Drug Treatment Modifies Neural Info Processing System

Cortical Labs

In a world-first breakthrough, researchers have used an epilepsy-like disease model in a laboratory dish and showed that improved information processing and neural function can be achieved using a medication designed specifically to treat the disease. Published in Communications Biology, the research was led by Cortical Labs and marks a significant breakthrough in the study and treatment of neurological disorders in real time.

Cortical Labs is an Australian start-up which created the world's first commercial biological computer, the CL1, which fuses lab-cultivated neurons from human stem cells with hard silicon to create a more advanced and sustainable form of AI, known as "Synthetic Biological Intelligence" (SBI).

Alongside Cortical Labs, the research was conducted by researchers from the University of Cambridge and UK-based biotech startup bit.bio.

Brett Kagan, Chief Scientific Officer at Cortical Labs, commented: "This breakthrough is a major step forward in not only how we study and understand diseases and drugs that are designed to treat related neural processes impacted by these diseases. For the first time, alongside some of the world's most eminent researchers in their field, we've been able to show that impaired information processes a disease in a dish can be restored using a drug designed specifically to treat it.

"While this is an incredibly significant milestone, and the realisation of years of focus at Cortical Labs, it's only the start. The ability to observe how living neurons react to real-time stimulation and drug treatment opens up entirely new ways to develop, test, and personalise therapies – all without relying on animal models. Based on our early findings, we'll continue to refine the modelling with the aim of developing more effective, patient-specific therapies in the future."

Assessment of pharmacological intervention on in vitro neural systems often emphasises molecular and structural changes. However, neural systems fundamentally process and act on information. For preclinical assays to predict drug efficacy, they must model these physiological functions.

DishBrain, an in vitro synthetic biological intelligence (SBI) assay embodying a neural system in a simulated game-world, enables the quantification of this information-processing capacity, however the question remains whether such a system permits classical pharmacological interrogation and dose-response profiling.

Hyperactive glutamatergic dysregulation is linked to neurological disorders including epilepsy, and inducible overexpression of neurogenin 2 (NGN2) in human induced pluripotent stem cells (hiPSCs) generates glutamatergic cultures with dysregulated hyperactivity.

The research, therefore, tested three anti-seizure medications (ASMs), phenytoin, perampanel, and carbamazepine, on NGN2 neurons from day 21 of differentiation in this system. The ability to use these reproducible cell types was enabled by key collaborators University of Cambridge and UK-based biotech startup bit.bio. The key finding was that, while all compounds altered spontaneous firing, carbamazepine 200 µM significantly improved gameplay metrics.

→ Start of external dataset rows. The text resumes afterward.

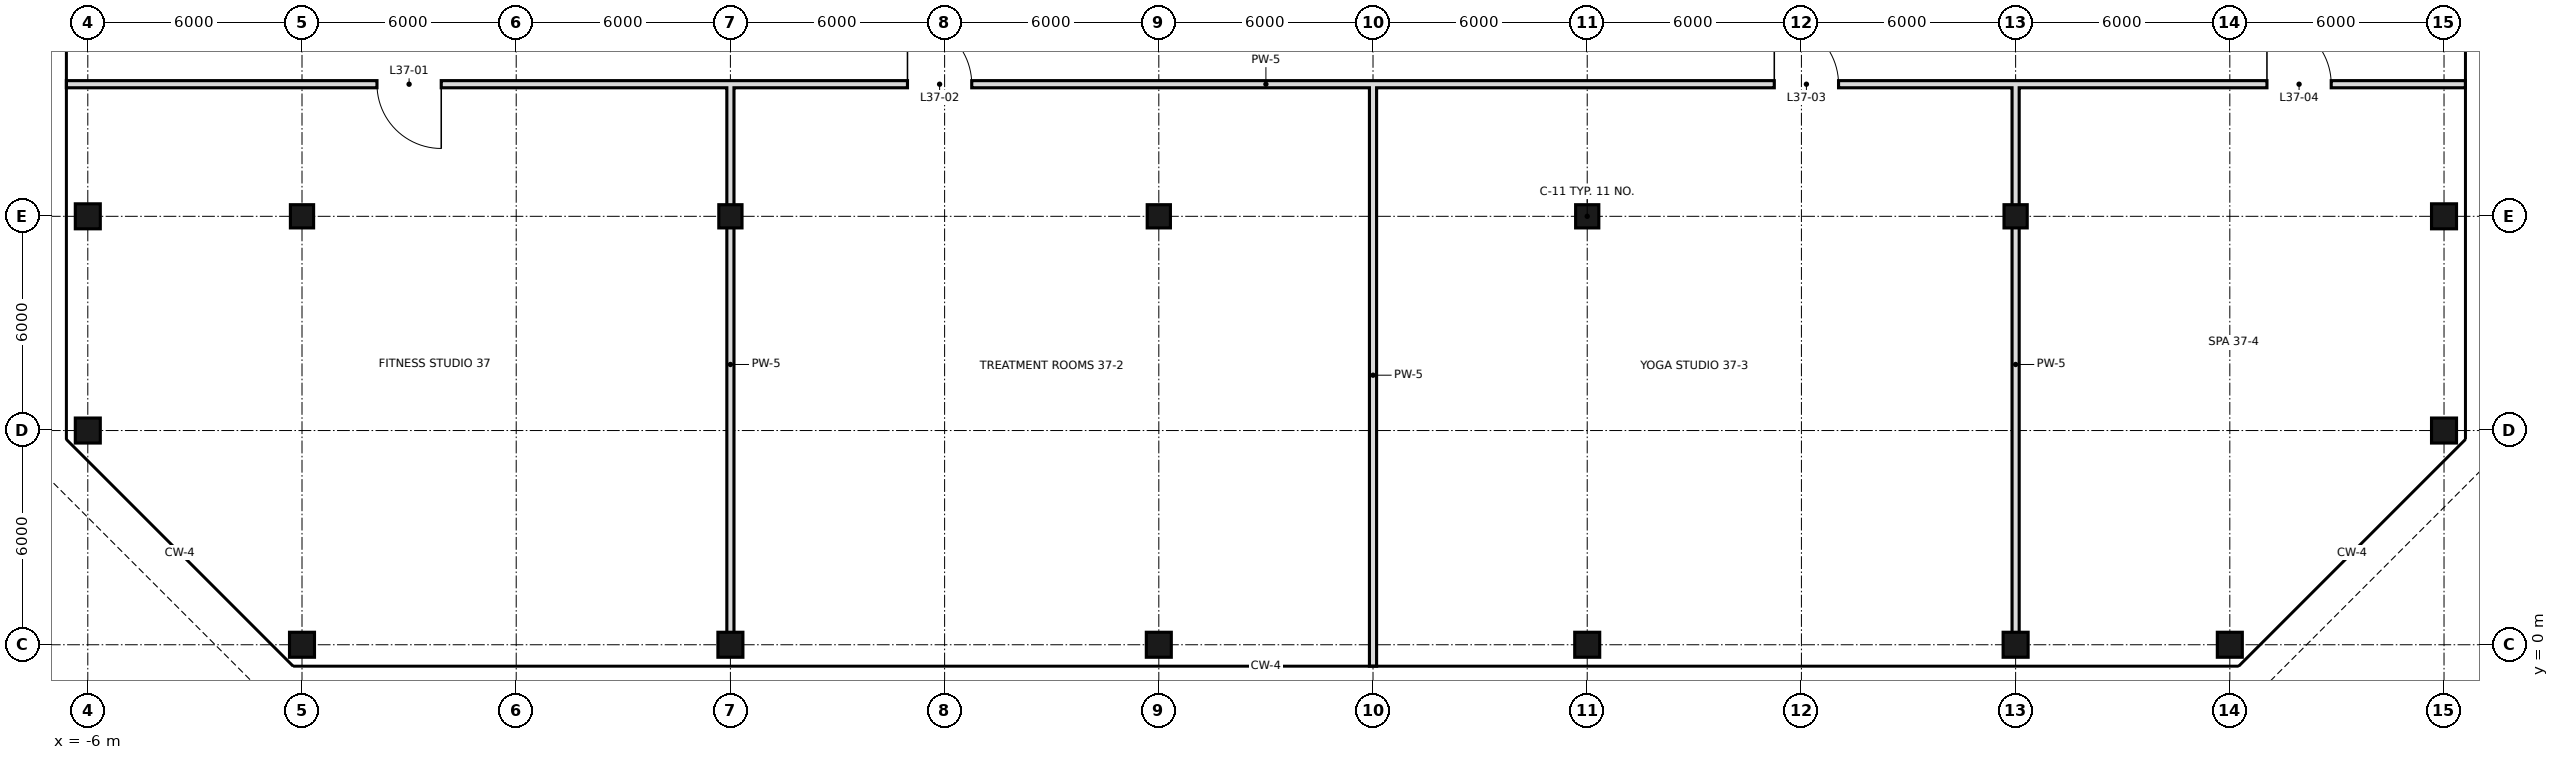
"""IFC4 building model, lengths in metres.
Left out: names, types, materials, properties, quantities, classifications, styles, units other than length and angle.
Written with IfcOpenShell. Run it as: python <this file> out.ifc"""

import sys

from ifc_helpers import new_model, si_unit, direction, frame, frame_2d, origin, origin_2d, place, context, subcontext, project, spatial, rectangle, hollow_rectangle, extrude, element, fill, save


model = new_model("IFC4")
c1 = context("Model", 3, precision=1e-05, world=origin(), true_north=direction((0.0, 1.0)))
c2 = subcontext(c1, "Body", "Model", "MODEL_VIEW")
j1 = project(units=[si_unit("LENGTHUNIT", "METRE"), si_unit("PLANEANGLEUNIT", "RADIAN")], contexts=[c1])
p1 = place(None, origin())
s1 = spatial("IfcSite", under=j1, at=p1, CompositionType="ELEMENT")
p2 = place(p1, origin())
s2 = spatial("IfcBuilding", under=s1, at=p2, CompositionType="ELEMENT")
p3 = place(p2, frame((0.0, 0.0, 161.8)))
s3 = spatial("IfcBuildingStorey", under=s2, at=p3, CompositionType="ELEMENT", Elevation=161.8)
for number, where, z_axis, x_axis in (
    (1, (-6.0, 6.0, 0.0), (0.0, 0.0, 1.0), (1.0, 0.0, 0.0)),
    (2, (-6.0, 12.0, 0.0), (0.0, 0.0, 1.0), (1.0, 0.0, 0.0)),
    (3, (0.0, 0.0, 0.0), (0.0, 0.0, 1.0), (1.0, 0.0, 0.0)),
):
    element("IfcColumn", number, at=place(p3, frame(where, z_axis=z_axis, x_axis=x_axis)), inside=s3, PredefinedType="COLUMN", context=c2, shape_type="SweptSolid", body=[
        extrude(hollow_rectangle(XDim=0.7, YDim=0.7, WallThickness=0.036, at=origin_2d()), origin(), (0.0, 0.0, 1.0), 5.4),
    ])
p4 = place(p3, frame((0.0, 12.0, 0.0), z_axis=(0.0, 0.0, 1.0), x_axis=(1.0, 0.0, 0.0)))
e4 = element("IfcColumn", 4, at=p4, inside=s3, PredefinedType="COLUMN", context=c2, shape_type="SweptSolid", body=[
    extrude(hollow_rectangle(XDim=0.65, YDim=0.65, WallThickness=0.032, at=origin_2d()), origin(), (0.0, 0.0, 1.0), 5.4),
])
p5 = place(p3, frame((12.0, 0.0, 0.0), z_axis=(0.0, 0.0, 1.0), x_axis=(1.0, 0.0, 0.0)))
e5 = element("IfcColumn", 5, at=p5, inside=s3, PredefinedType="COLUMN", context=c2, shape_type="SweptSolid", body=[
    extrude(hollow_rectangle(XDim=0.7, YDim=0.7, WallThickness=0.036, at=origin_2d()), origin(), (0.0, 0.0, 1.0), 5.4),
])
p6 = place(p3, frame((12.0, 12.0, 0.0), z_axis=(0.0, 0.0, 1.0), x_axis=(1.0, 0.0, 0.0)))
e6 = element("IfcColumn", 6, at=p6, inside=s3, PredefinedType="COLUMN", context=c2, shape_type="SweptSolid", body=[
    extrude(hollow_rectangle(XDim=0.65, YDim=0.65, WallThickness=0.032, at=origin_2d()), origin(), (0.0, 0.0, 1.0), 5.4),
])
p7 = place(p3, frame((24.0, 0.0, 0.0), z_axis=(0.0, 0.0, 1.0), x_axis=(1.0, 0.0, 0.0)))
e7 = element("IfcColumn", 7, at=p7, inside=s3, PredefinedType="COLUMN", context=c2, shape_type="SweptSolid", body=[
    extrude(hollow_rectangle(XDim=0.7, YDim=0.7, WallThickness=0.036, at=origin_2d()), origin(), (0.0, 0.0, 1.0), 5.4),
])
p8 = place(p3, frame((24.0, 12.0, 0.0), z_axis=(0.0, 0.0, 1.0), x_axis=(1.0, 0.0, 0.0)))
e8 = element("IfcColumn", 8, at=p8, inside=s3, PredefinedType="COLUMN", context=c2, shape_type="SweptSolid", body=[
    extrude(hollow_rectangle(XDim=0.65, YDim=0.65, WallThickness=0.032, at=origin_2d()), origin(), (0.0, 0.0, 1.0), 5.4),
])
p9 = place(p3, frame((36.0, 0.0, 0.0), z_axis=(0.0, 0.0, 1.0), x_axis=(1.0, 0.0, 0.0)))
e9 = element("IfcColumn", 9, at=p9, inside=s3, PredefinedType="COLUMN", context=c2, shape_type="SweptSolid", body=[
    extrude(hollow_rectangle(XDim=0.7, YDim=0.7, WallThickness=0.036, at=origin_2d()), origin(), (0.0, 0.0, 1.0), 5.4),
])
p10 = place(p3, frame((36.0, 12.0, 0.0), z_axis=(0.0, 0.0, 1.0), x_axis=(1.0, 0.0, 0.0)))
e10 = element("IfcColumn", 10, at=p10, inside=s3, PredefinedType="COLUMN", context=c2, shape_type="SweptSolid", body=[
    extrude(hollow_rectangle(XDim=0.65, YDim=0.65, WallThickness=0.032, at=origin_2d()), origin(), (0.0, 0.0, 1.0), 5.4),
])
p11 = place(p3, frame((48.0, 0.0, 0.0), z_axis=(0.0, 0.0, 1.0), x_axis=(1.0, 0.0, 0.0)))
e11 = element("IfcColumn", 11, at=p11, inside=s3, PredefinedType="COLUMN", context=c2, shape_type="SweptSolid", body=[
    extrude(hollow_rectangle(XDim=0.7, YDim=0.7, WallThickness=0.036, at=origin_2d()), origin(), (0.0, 0.0, 1.0), 5.4),
])
p12 = place(p3, frame((48.0, 12.0, 0.0), z_axis=(0.0, 0.0, 1.0), x_axis=(1.0, 0.0, 0.0)))
e12 = element("IfcColumn", 12, at=p12, inside=s3, PredefinedType="COLUMN", context=c2, shape_type="SweptSolid", body=[
    extrude(hollow_rectangle(XDim=0.65, YDim=0.65, WallThickness=0.032, at=origin_2d()), origin(), (0.0, 0.0, 1.0), 5.4),
])
for number, where, z_axis, x_axis in (
    (13, (54.0, 0.0, 0.0), (0.0, 0.0, 1.0), (1.0, 0.0, 0.0)),
    (14, (60.0, 6.0, 0.0), (0.0, 0.0, 1.0), (1.0, 0.0, 0.0)),
    (15, (60.0, 12.0, 0.0), (0.0, 0.0, 1.0), (1.0, 0.0, 0.0)),
):
    element("IfcColumn", number, at=place(p3, frame(where, z_axis=z_axis, x_axis=x_axis)), inside=s3, PredefinedType="COLUMN", context=c2, shape_type="SweptSolid", body=[
        extrude(hollow_rectangle(XDim=0.7, YDim=0.7, WallThickness=0.036, at=origin_2d()), origin(), (0.0, 0.0, 1.0), 5.4),
    ])
p13 = place(p3, frame((12.0, 0.0, 0.0), z_axis=(0.0, 0.0, 1.0), x_axis=(0.0, 1.0, 0.0)))
e16 = element("IfcWall", 16, at=p13, inside=s3, PredefinedType="SOLIDWALL", context=c2, shape_type="SweptSolid", body=[
    extrude(rectangle(XDim=15.7, YDim=0.2, at=frame_2d((7.85, 0.0))), origin(), (0.0, 0.0, 1.0), 4.52),
])
p14 = place(p3, frame((30.0, -0.6, 0.0), z_axis=(0.0, 0.0, 1.0), x_axis=(0.0, 1.0, 0.0)))
e17 = element("IfcWall", 17, at=p14, inside=s3, PredefinedType="SOLIDWALL", context=c2, shape_type="SweptSolid", body=[
    extrude(rectangle(XDim=16.3, YDim=0.2, at=frame_2d((8.15, 0.0))), origin(), (0.0, 0.0, 1.0), 4.52),
])
p15 = place(p3, frame((48.0, 0.0, 0.0), z_axis=(0.0, 0.0, 1.0), x_axis=(0.0, 1.0, 0.0)))
e18 = element("IfcWall", 18, at=p15, inside=s3, PredefinedType="SOLIDWALL", context=c2, shape_type="SweptSolid", body=[
    extrude(rectangle(XDim=15.7, YDim=0.2, at=frame_2d((7.85, 0.0))), origin(), (0.0, 0.0, 1.0), 4.52),
])
p16 = place(p3, frame((-6.6, 15.7, 0.0), z_axis=(0.0, 0.0, 1.0), x_axis=(1.0, 0.0, 0.0)))
e19 = element("IfcWall", 19, at=p16, inside=s3, PredefinedType="SOLIDWALL", context=c2, shape_type="SweptSolid", body=[
    extrude(rectangle(XDim=67.2, YDim=0.2, at=frame_2d((33.6, 0.0))), origin(), (0.0, 0.0, 1.0), 4.52),
])
p17 = place(p16, frame((8.7, 0.0, 0.0)))
e20 = element("IfcOpeningElement", 20, at=p17, cuts=e19, PredefinedType="OPENING", context=c2, shape_type="SweptSolid", body=[
    extrude(rectangle(XDim=1.8, YDim=2.4, at=frame_2d((0.9, 1.2))), frame((0.0, 0.11, 0.0), z_axis=(0.0, -1.0, 0.0), x_axis=(1.0, 0.0, 0.0)), (0.0, 0.0, 1.0), 0.22),
])
p18 = place(p16, frame((23.56, 0.0, 0.0)))
e21 = element("IfcOpeningElement", 21, at=p18, cuts=e19, PredefinedType="OPENING", context=c2, shape_type="SweptSolid", body=[
    extrude(rectangle(XDim=1.8, YDim=2.4, at=frame_2d((0.9, 1.2))), frame((0.0, 0.11, 0.0), z_axis=(0.0, -1.0, 0.0), x_axis=(1.0, 0.0, 0.0)), (0.0, 0.0, 1.0), 0.22),
])
p19 = place(p16, frame((47.84, 0.0, 0.0)))
e22 = element("IfcOpeningElement", 22, at=p19, cuts=e19, PredefinedType="OPENING", context=c2, shape_type="SweptSolid", body=[
    extrude(rectangle(XDim=1.8, YDim=2.4, at=frame_2d((0.9, 1.2))), frame((0.0, 0.11, 0.0), z_axis=(0.0, -1.0, 0.0), x_axis=(1.0, 0.0, 0.0)), (0.0, 0.0, 1.0), 0.22),
])
p20 = place(p16, frame((61.64, 0.0, 0.0)))
e23 = element("IfcOpeningElement", 23, at=p20, cuts=e19, PredefinedType="OPENING", context=c2, shape_type="SweptSolid", body=[
    extrude(rectangle(XDim=1.8, YDim=2.4, at=frame_2d((0.9, 1.2))), frame((0.0, 0.11, 0.0), z_axis=(0.0, -1.0, 0.0), x_axis=(1.0, 0.0, 0.0)), (0.0, 0.0, 1.0), 0.22),
])
p21 = place(p17, origin())
e24 = element("IfcDoor", 24, at=p21, inside=s3, OperationType="SINGLE_SWING_RIGHT", PredefinedType="DOOR", context=c2, shape_type="SweptSolid", body=[
    extrude(rectangle(XDim=1.8, YDim=2.4, at=frame_2d((0.9, 1.2))), frame((0.0, 0.025, 0.0), z_axis=(0.0, -1.0, 0.0), x_axis=(1.0, 0.0, 0.0)), (0.0, 0.0, 1.0), 0.05),
])
fill(e20, e24)
p22 = place(p18, origin())
e25 = element("IfcDoor", 25, at=p22, inside=s3, OperationType="SINGLE_SWING_LEFT", PredefinedType="DOOR", context=c2, shape_type="SweptSolid", body=[
    extrude(rectangle(XDim=1.8, YDim=2.4, at=frame_2d((0.9, 1.2))), frame((0.0, 0.025, 0.0), z_axis=(0.0, -1.0, 0.0), x_axis=(1.0, 0.0, 0.0)), (0.0, 0.0, 1.0), 0.05),
])
fill(e21, e25)
p23 = place(p19, origin())
e26 = element("IfcDoor", 26, at=p23, inside=s3, OperationType="SINGLE_SWING_LEFT", PredefinedType="DOOR", context=c2, shape_type="SweptSolid", body=[
    extrude(rectangle(XDim=1.8, YDim=2.4, at=frame_2d((0.9, 1.2))), frame((0.0, 0.025, 0.0), z_axis=(0.0, -1.0, 0.0), x_axis=(1.0, 0.0, 0.0)), (0.0, 0.0, 1.0), 0.05),
])
fill(e22, e26)
p24 = place(p20, origin())
e27 = element("IfcDoor", 27, at=p24, inside=s3, OperationType="SINGLE_SWING_LEFT", PredefinedType="DOOR", context=c2, shape_type="SweptSolid", body=[
    extrude(rectangle(XDim=1.8, YDim=2.4, at=frame_2d((0.9, 1.2))), frame((0.0, 0.025, 0.0), z_axis=(0.0, -1.0, 0.0), x_axis=(1.0, 0.0, 0.0)), (0.0, 0.0, 1.0), 0.05),
])
fill(e23, e27)
save(model, sys.argv[1])

This marks the first demonstration of altered SBI following exogenous drug treatment. Notably, only inhibitory compounds enhanced goal-directed activity, linking glutamatergic attenuation to performance. Neurocomputational analysis revealed nuanced pharmacological responses during closed-loop stimulation, highlighting insights beyond spontaneous activity metrics.

Brad Watmuff, Head of Biology at Cortical Labs, commented: "One of the most pressing challenges in neuroscience is improving the success rate of effective new treatments reaching patients. Our work highlights a key obstacle to this goal — that the neural functional endpoints we typically rely on to define treatment efficacy may not be optimal. Importantly, we show these endpoints can be influenced and even improved with drug intervention, opening the door to more meaningful measures of therapeutic success."

The research was conducted by Bradley Watmuff, Forough Habibollahi, Candice Desouza, Moein Khajehnejad, Alon Loeffler, Koby Baranes, Noah Poulin, Mark Kotter and Brett J. Kagan.